Perform simulation in each window

• 0.2 nm window

  • See PULL section in pull.02.mdp

pull-ngroups             = 2

pull-ncoords             = 1

pull-group1-name         = r_1

pull-group2-name         = r_2

pull-coord1-type         = umbrella

pull-coord1-geometry     = distance

pull-coord1-groups       = 1 2

pull-coord1-dim          = Y Y Y

pull-coord1-init         = 0.2              ; the equilibrium length of spring is 0.2 nm

pull-coord1-k            = 1000             ; spring constant in kJ/mol nm

• • Generate pull.02.tpr for gmx mdrun

    • gmx grompp -c 2.pdb -f pull.02.mdp -n pull.ndx -o pull.02.tpr -t state.cpt

      • -t state.cpt: use information from the check point file.

  • Perform MDRUN for 1 ns

    • gmx mdrun -s pull.02.tpr -nt 4 -gpu_id 0 -cpi -noappend -deffnm pull.02 -nsteps 500000

      • pullx files contain the length of spring

      • pullf files contain the force on the spring (F = -kx)

      • CAUTION: If the initial distance between two pull groups is longer than the half the box size, mdrun will die returning corresponding error messages. 

        • In this case, one can rearrange the order of water molecules in the initial structure file using text editors such that the pull groups (the first and the second water molecules in this example) are close each other. Note that the order of appearance of water molecules will not change the MD simulation. 
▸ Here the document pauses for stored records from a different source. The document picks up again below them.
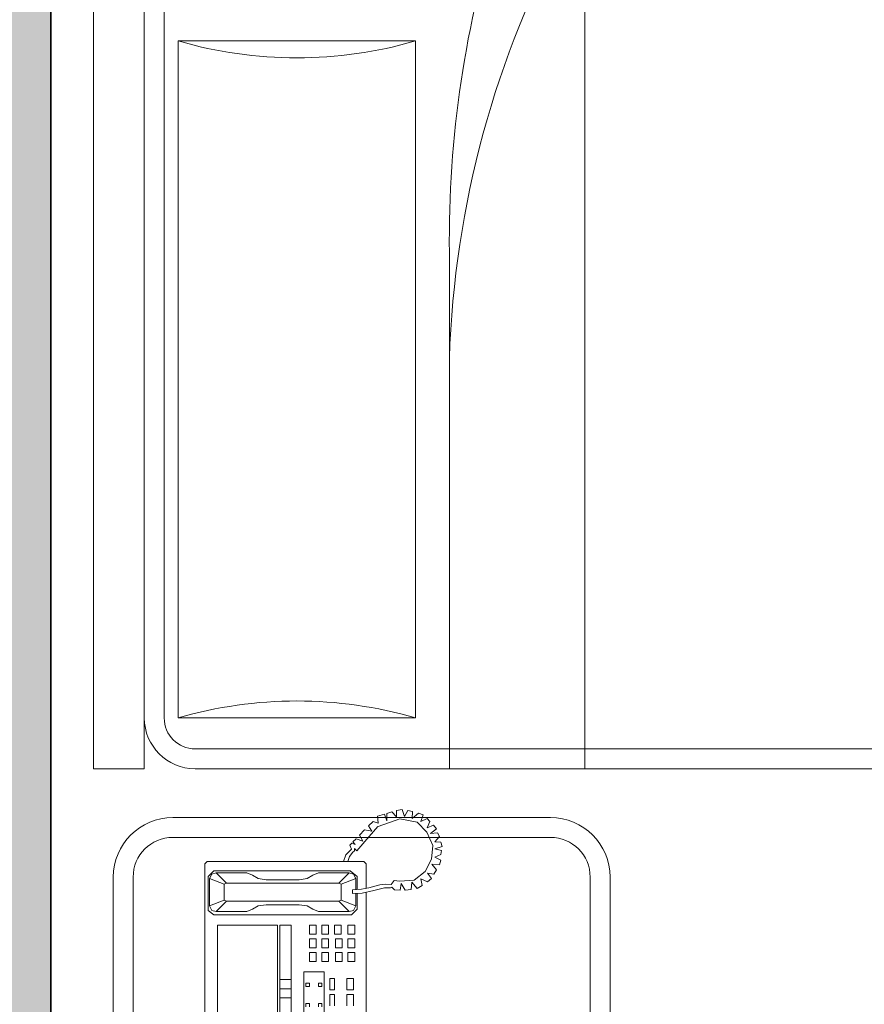
# Model space of a CAD drawing. Units: inches. Extents: x 2701 to 6846, y 811 to 2447.
# Tile 17 of 20: x 2977 to 3008, y 1370 to 1407. Entities that reach past the tile are written whole.
import ezdxf

# ---------------------------------------------------------------- set-up
doc = ezdxf.new("R2010")
doc.units = ezdxf.units.IN
for name, color, linetype, lineweight in [('A-FLOR-PATT', 252, 'Continuous', 13), ('A-FURN', 8, 'Continuous', 13), ('A-WALL', 7, 'Continuous', 35)]:
    doc.layers.add(name, color=color, linetype=linetype, lineweight=lineweight)
doc.layers.add('A-WALL-PATT', color=18, linetype='Continuous', lineweight=13, true_color=0x000000)

# ---------------------------------------------------------------- blocks, each defined once
blk = doc.blocks.new('A$C356F0359')
for p, q in [((0.5488961549126543, 2.000037877005524), (2.049197857799299, 2.000037877005524)), ((0.5488961549126543, 1.948857180890627), (0.5488961549126543, 2.000037877005524)), ((0.4397736946484656, 1.980067907948978), (0.059773694651085, 1.980067907948978)), ((0.4397736946484656, 1.960067907952179), (0.059773694651085, 1.960067907952179)), ((2.049197857799299, 1.948857180890627), (0.5488961549126543, 1.948857180890627)), ((1.998017161684401, 1.928857180893828), (0.6000768510275521, 1.928857180893828)), ((0.4797736946493388, 1.540067907953925), (0.4797736946493388, 1.920067907951306)), ((0.4997736946534133, 1.540067907953925), (0.4997736946534133, 1.920067907951306)), ((0.5488961549126543, 1.897676484783005), (0.5488961549126543, 0.0512185731204227)), ((0.5688961549167288, 1.897676484783005), (0.5688961549167288, 0.0512185731204227)), ((0.2724584284442244, 1.887891571575892), (0.4530524284491549, 1.887891571575892)), ((0.4016174284479348, 1.878747571572603), (0.4061894284459413, 1.88446257157193)), ((0.4061894284459413, 1.88446257157193), (0.44047942844918, 1.88446257157193)), ((0.44047942844918, 1.88446257157193), (0.4461944284485071, 1.878747571572603)), ((0.4530524284491549, 1.887891571575892), (0.4553384284445201, 1.88560557157325)), ((0.4553384284445201, 1.88560557157325), (0.4553384284445201, 1.727871571572904)), ((0.3913304284506012, 1.875318571575917), (0.2770304284495069, 1.875318571575917)), ((0.3913304284506012, 1.814739571571408), (0.3913304284506012, 1.875318571575917)), ((0.4016174284479348, 1.740444571572879), (0.4016174284479348, 1.878747571572603)), ((0.4061894284459413, 1.881033571575244), (0.4050464284446207, 1.876461571577237)), ((0.4050464284446207, 1.876461571577237), (0.4153334284492303, 1.866174571572628)), ((0.4050464284446207, 1.876461571577237), (0.4050464284446207, 1.845600571570685)), ((0.4107614284439478, 1.883319571570609), (0.4061894284459413, 1.881033571575244)), ((0.4107614284439478, 1.883319571570609), (0.4381934284465388, 1.883319571570609)), ((0.4164764284505509, 1.868460571575269), (0.4107614284439478, 1.883319571570609)), ((0.4324784284472117, 1.868460571575269), (0.4381934284465388, 1.883319571570609)), ((0.4439084284458659, 1.876461571577237), (0.4336214284485323, 1.866174571572628)), ((0.4381934284465388, 1.883319571570609), (0.4427654284445453, 1.881033571575244)), ((0.4427654284445453, 1.881033571575244), (0.4439084284458659, 1.876461571577237)), ((0.4439084284458659, 1.876461571577237), (0.4439084284458659, 1.845600571570685)), ((0.4461944284485071, 1.878747571572603), (0.4461944284485071, 1.7415875715742)), ((0.4153334284492303, 1.866174571572628), (0.4164764284505509, 1.868460571575269)), ((0.4153334284492303, 1.814739571571408), (0.4153334284492303, 1.866174571572628)), ((0.4324784284472117, 1.868460571575269), (0.4164764284505509, 1.868460571575269)), ((0.4336214284485323, 1.866174571572628), (0.4324784284472117, 1.868460571575269)), ((0.4336214284485323, 1.814739571571408), (0.4336214284485323, 1.866174571572628)), ((0.4050464284446207, 1.845600571570685), (0.407332428447262, 1.839885571571358)), ((0.4439084284458659, 1.845600571570685), (0.4416224284505006, 1.839885571571358)), ((0.407332428447262, 1.839885571571358), (0.4107614284439478, 1.83417057157203)), ((0.4416224284505006, 1.839885571571358), (0.4381934284465388, 1.83417057157203)), ((0.4107614284439478, 1.83417057157203), (0.4119044284452685, 1.826169571577338)), ((0.4119044284452685, 1.826169571577338), (0.4119044284452685, 1.814739571571408)), ((0.4381934284465388, 1.83417057157203), (0.4370504284452182, 1.826169571577338)), ((0.4370504284452182, 1.826169571577338), (0.4370504284452182, 1.814739571571408)), ((0.2770304284495069, 1.814739571571408), (0.3913304284506012, 1.814739571571408)), ((0.3913304284506012, 1.812453571576043), (0.2816024284475134, 1.812453571576043)), ((0.3181784284461173, 1.812453571576043), (0.3181784284461173, 1.801023571577388)), ((0.3273224284494063, 1.812453571576043), (0.3273224284494063, 1.801023571577388)), ((0.3364664284454193, 1.812453571576043), (0.3364664284454193, 1.801023571577388)), ((0.3913304284506012, 1.801023571577388), (0.3913304284506012, 1.812453571576043)), ((0.4119044284452685, 1.79302257157542), (0.4119044284452685, 1.814739571571408)), ((0.4153334284492303, 1.814739571571408), (0.4153334284492303, 1.753017571572854)), ((0.4336214284485323, 1.814739571571408), (0.4336214284485323, 1.753017571572854)), ((0.4370504284452182, 1.79302257157542), (0.4370504284452182, 1.814739571571408)), ((0.2816024284475134, 1.801023571577388), (0.3913304284506012, 1.801023571577388)), ((0.3444674284473876, 1.788450571577413), (0.2770304284495069, 1.788450571577413)), ((0.3124634284467902, 1.786164571574772), (0.3090344284501043, 1.786164571574772)), ((0.3124634284467902, 1.78273557157081), (0.3124634284467902, 1.786164571574772)), ((0.3330374284487334, 1.786164571574772), (0.3296084284447716, 1.786164571574772)), ((0.3296084284447716, 1.786164571574772), (0.3296084284447716, 1.78273557157081)), ((0.3330374284487334, 1.78273557157081), (0.3330374284487334, 1.786164571574772)), ((0.3444674284473876, 1.76787657157547), (0.3444674284473876, 1.788450571577413)), ((0.4107614284439478, 1.785021571573452), (0.4119044284452685, 1.79302257157542)), ((0.4381934284465388, 1.785021571573452), (0.4370504284452182, 1.79302257157542)), ((0.3090344284501043, 1.78273557157081), (0.3124634284467902, 1.78273557157081)), ((0.3296084284447716, 1.78273557157081), (0.3330374284487334, 1.78273557157081)), ((0.3547544284447213, 1.775877571577439), (0.3547544284447213, 1.78273557157081)), ((0.3547544284447213, 1.78273557157081), (0.3638984284480102, 1.78273557157081)), ((0.3638984284480102, 1.775877571577439), (0.3547544284447213, 1.775877571577439)), ((0.3638984284480102, 1.78273557157081), (0.3638984284480102, 1.775877571577439)), ((0.3684704284460167, 1.78273557157081), (0.3776144284493057, 1.78273557157081)), ((0.3684704284460167, 1.775877571577439), (0.3684704284460167, 1.78273557157081)), ((0.3776144284493057, 1.775877571577439), (0.3684704284460167, 1.775877571577439)), ((0.3776144284493057, 1.78273557157081), (0.3776144284493057, 1.775877571577439)), ((0.3821864284473122, 1.775877571577439), (0.3821864284473122, 1.78273557157081)), ((0.3821864284473122, 1.78273557157081), (0.3913304284506012, 1.78273557157081)), ((0.3913304284506012, 1.775877571577439), (0.3821864284473122, 1.775877571577439)), ((0.3913304284506012, 1.78273557157081), (0.3913304284506012, 1.775877571577439)), ((0.4050464284446207, 1.773591571574797), (0.407332428447262, 1.779306571574124)), ((0.407332428447262, 1.779306571574124), (0.4107614284439478, 1.785021571573452)), ((0.4416224284505006, 1.779306571574124), (0.4381934284465388, 1.785021571573452)), ((0.4439084284458659, 1.773591571574797), (0.4416224284505006, 1.779306571574124)), ((0.2770304284495069, 1.76787657157547), (0.3444674284473876, 1.76787657157547)), ((0.3124634284467902, 1.773591571574797), (0.3090344284501043, 1.773591571574797)), ((0.3090344284501043, 1.770162571570836), (0.3124634284467902, 1.770162571570836)), ((0.3124634284467902, 1.770162571570836), (0.3124634284467902, 1.773591571574797)), ((0.3330374284487334, 1.773591571574797), (0.3296084284447716, 1.773591571574797)), ((0.3296084284447716, 1.773591571574797), (0.3296084284447716, 1.770162571570836)), ((0.3296084284447716, 1.770162571570836), (0.3330374284487334, 1.770162571570836)), ((0.3330374284487334, 1.770162571570836), (0.3330374284487334, 1.773591571574797)), ((0.3547544284447213, 1.763304571577464), (0.3547544284447213, 1.770162571570836)), ((0.3547544284447213, 1.770162571570836), (0.3638984284480102, 1.770162571570836)), ((0.3638984284480102, 1.770162571570836), (0.3638984284480102, 1.763304571577464)), ((0.3684704284460167, 1.763304571577464), (0.3684704284460167, 1.770162571570836)), ((0.3684704284460167, 1.770162571570836), (0.3776144284493057, 1.770162571570836)), ((0.3776144284493057, 1.770162571570836), (0.3776144284493057, 1.763304571577464)), ((0.3821864284473122, 1.763304571577464), (0.3821864284473122, 1.770162571570836)), ((0.3821864284473122, 1.770162571570836), (0.3913304284506012, 1.770162571570836)), ((0.3913304284506012, 1.770162571570836), (0.3913304284506012, 1.763304571577464)), ((0.4050464284446207, 1.742730571575521), (0.4050464284446207, 1.773591571574797)), ((0.4439084284458659, 1.742730571575521), (0.4439084284458659, 1.773591571574797)), ((0.3216074284500792, 1.762161571576143), (0.310177428444149, 1.762161571576143)), ((0.310177428444149, 1.757589571570861), (0.3216074284500792, 1.757589571570861)), ((0.3216074284500792, 1.757589571570861), (0.3216074284500792, 1.762161571576143)), ((0.3376094284467399, 1.762161571576143), (0.3261794284480857, 1.762161571576143)), ((0.3261794284480857, 1.762161571576143), (0.3261794284480857, 1.757589571570861)), ((0.3261794284480857, 1.757589571570861), (0.3376094284467399, 1.757589571570861)), ((0.3376094284467399, 1.757589571570861), (0.3376094284467399, 1.762161571576143)), ((0.3638984284480102, 1.763304571577464), (0.3547544284447213, 1.763304571577464)), ((0.3547544284447213, 1.756446571576816), (0.3638984284480102, 1.756446571576816)), ((0.3547544284447213, 1.749588571576168), (0.3547544284447213, 1.756446571576816)), ((0.3638984284480102, 1.756446571576816), (0.3638984284480102, 1.749588571576168)), ((0.3776144284493057, 1.763304571577464), (0.3684704284460167, 1.763304571577464)), ((0.3684704284460167, 1.756446571576816), (0.3776144284493057, 1.756446571576816)), ((0.3684704284460167, 1.749588571576168), (0.3684704284460167, 1.756446571576816)), ((0.3776144284493057, 1.756446571576816), (0.3776144284493057, 1.749588571576168)), ((0.3913304284506012, 1.763304571577464), (0.3821864284473122, 1.763304571577464)), ((0.3821864284473122, 1.757589571570861), (0.3913304284506012, 1.757589571570861)), ((0.3821864284473122, 1.750731571577489), (0.3821864284473122, 1.757589571570861)), ((0.3913304284506012, 1.757589571570861), (0.3913304284506012, 1.750731571577489)), ((0.3638984284480102, 1.749588571576168), (0.3547544284447213, 1.749588571576168)), ((0.3776144284493057, 1.749588571576168), (0.3684704284460167, 1.749588571576168)), ((0.3913304284506012, 1.750731571577489), (0.3821864284473122, 1.750731571577489)), ((0.4050464284446207, 1.742730571575521), (0.4153334284492303, 1.753017571572854)), ((0.4164764284505509, 1.750731571577489), (0.4107614284439478, 1.735872571574873)), ((0.4153334284492303, 1.753017571572854), (0.4164764284505509, 1.750731571577489)), ((0.4324784284472117, 1.750731571577489), (0.4164764284505509, 1.750731571577489)), ((0.4336214284485323, 1.753017571572854), (0.4324784284472117, 1.750731571577489)), ((0.4324784284472117, 1.750731571577489), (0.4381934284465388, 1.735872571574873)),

  • Repeat same things for other windows

for i in 03 04 05 06 07 08 09 10

do

gmx grompp -c 2.pdb -f pull.$i.mdp -n pull.ndx -o pull.$i.tpr

gmx mdrun -s pull.$i.tpr -nt 4 -gpu_id 0 -cpi -noappend -deffnm pull.$i -nsteps 500000

done

Discussions

• How to estimate error?

  • gmx wham has bootstrap options.

  • More straightforward way is getting multiple results (or splitting simulation into multiple blocks) and calculate stardard errors.

• How can we tell if the Umbrella sampling is long enough?

  • For many real problems, very long simulations are necessary.

    • Keep continuing each window.

    • When you have multiple pullx files for a window, you need to combine them into a pullx file. For example, awk command.

    • Calculate gmx wham frequently.

      • If PMF converges (i.e., PMF does not change any more), quit.

      • Otherwise, keep simulating.

• Mean squared displacement (MSD) = 6D∆t

• gmx msd -f traj_comp.part0002.xtc -n rdf.xvg

Try different water models such as OPC, TIP4P etc.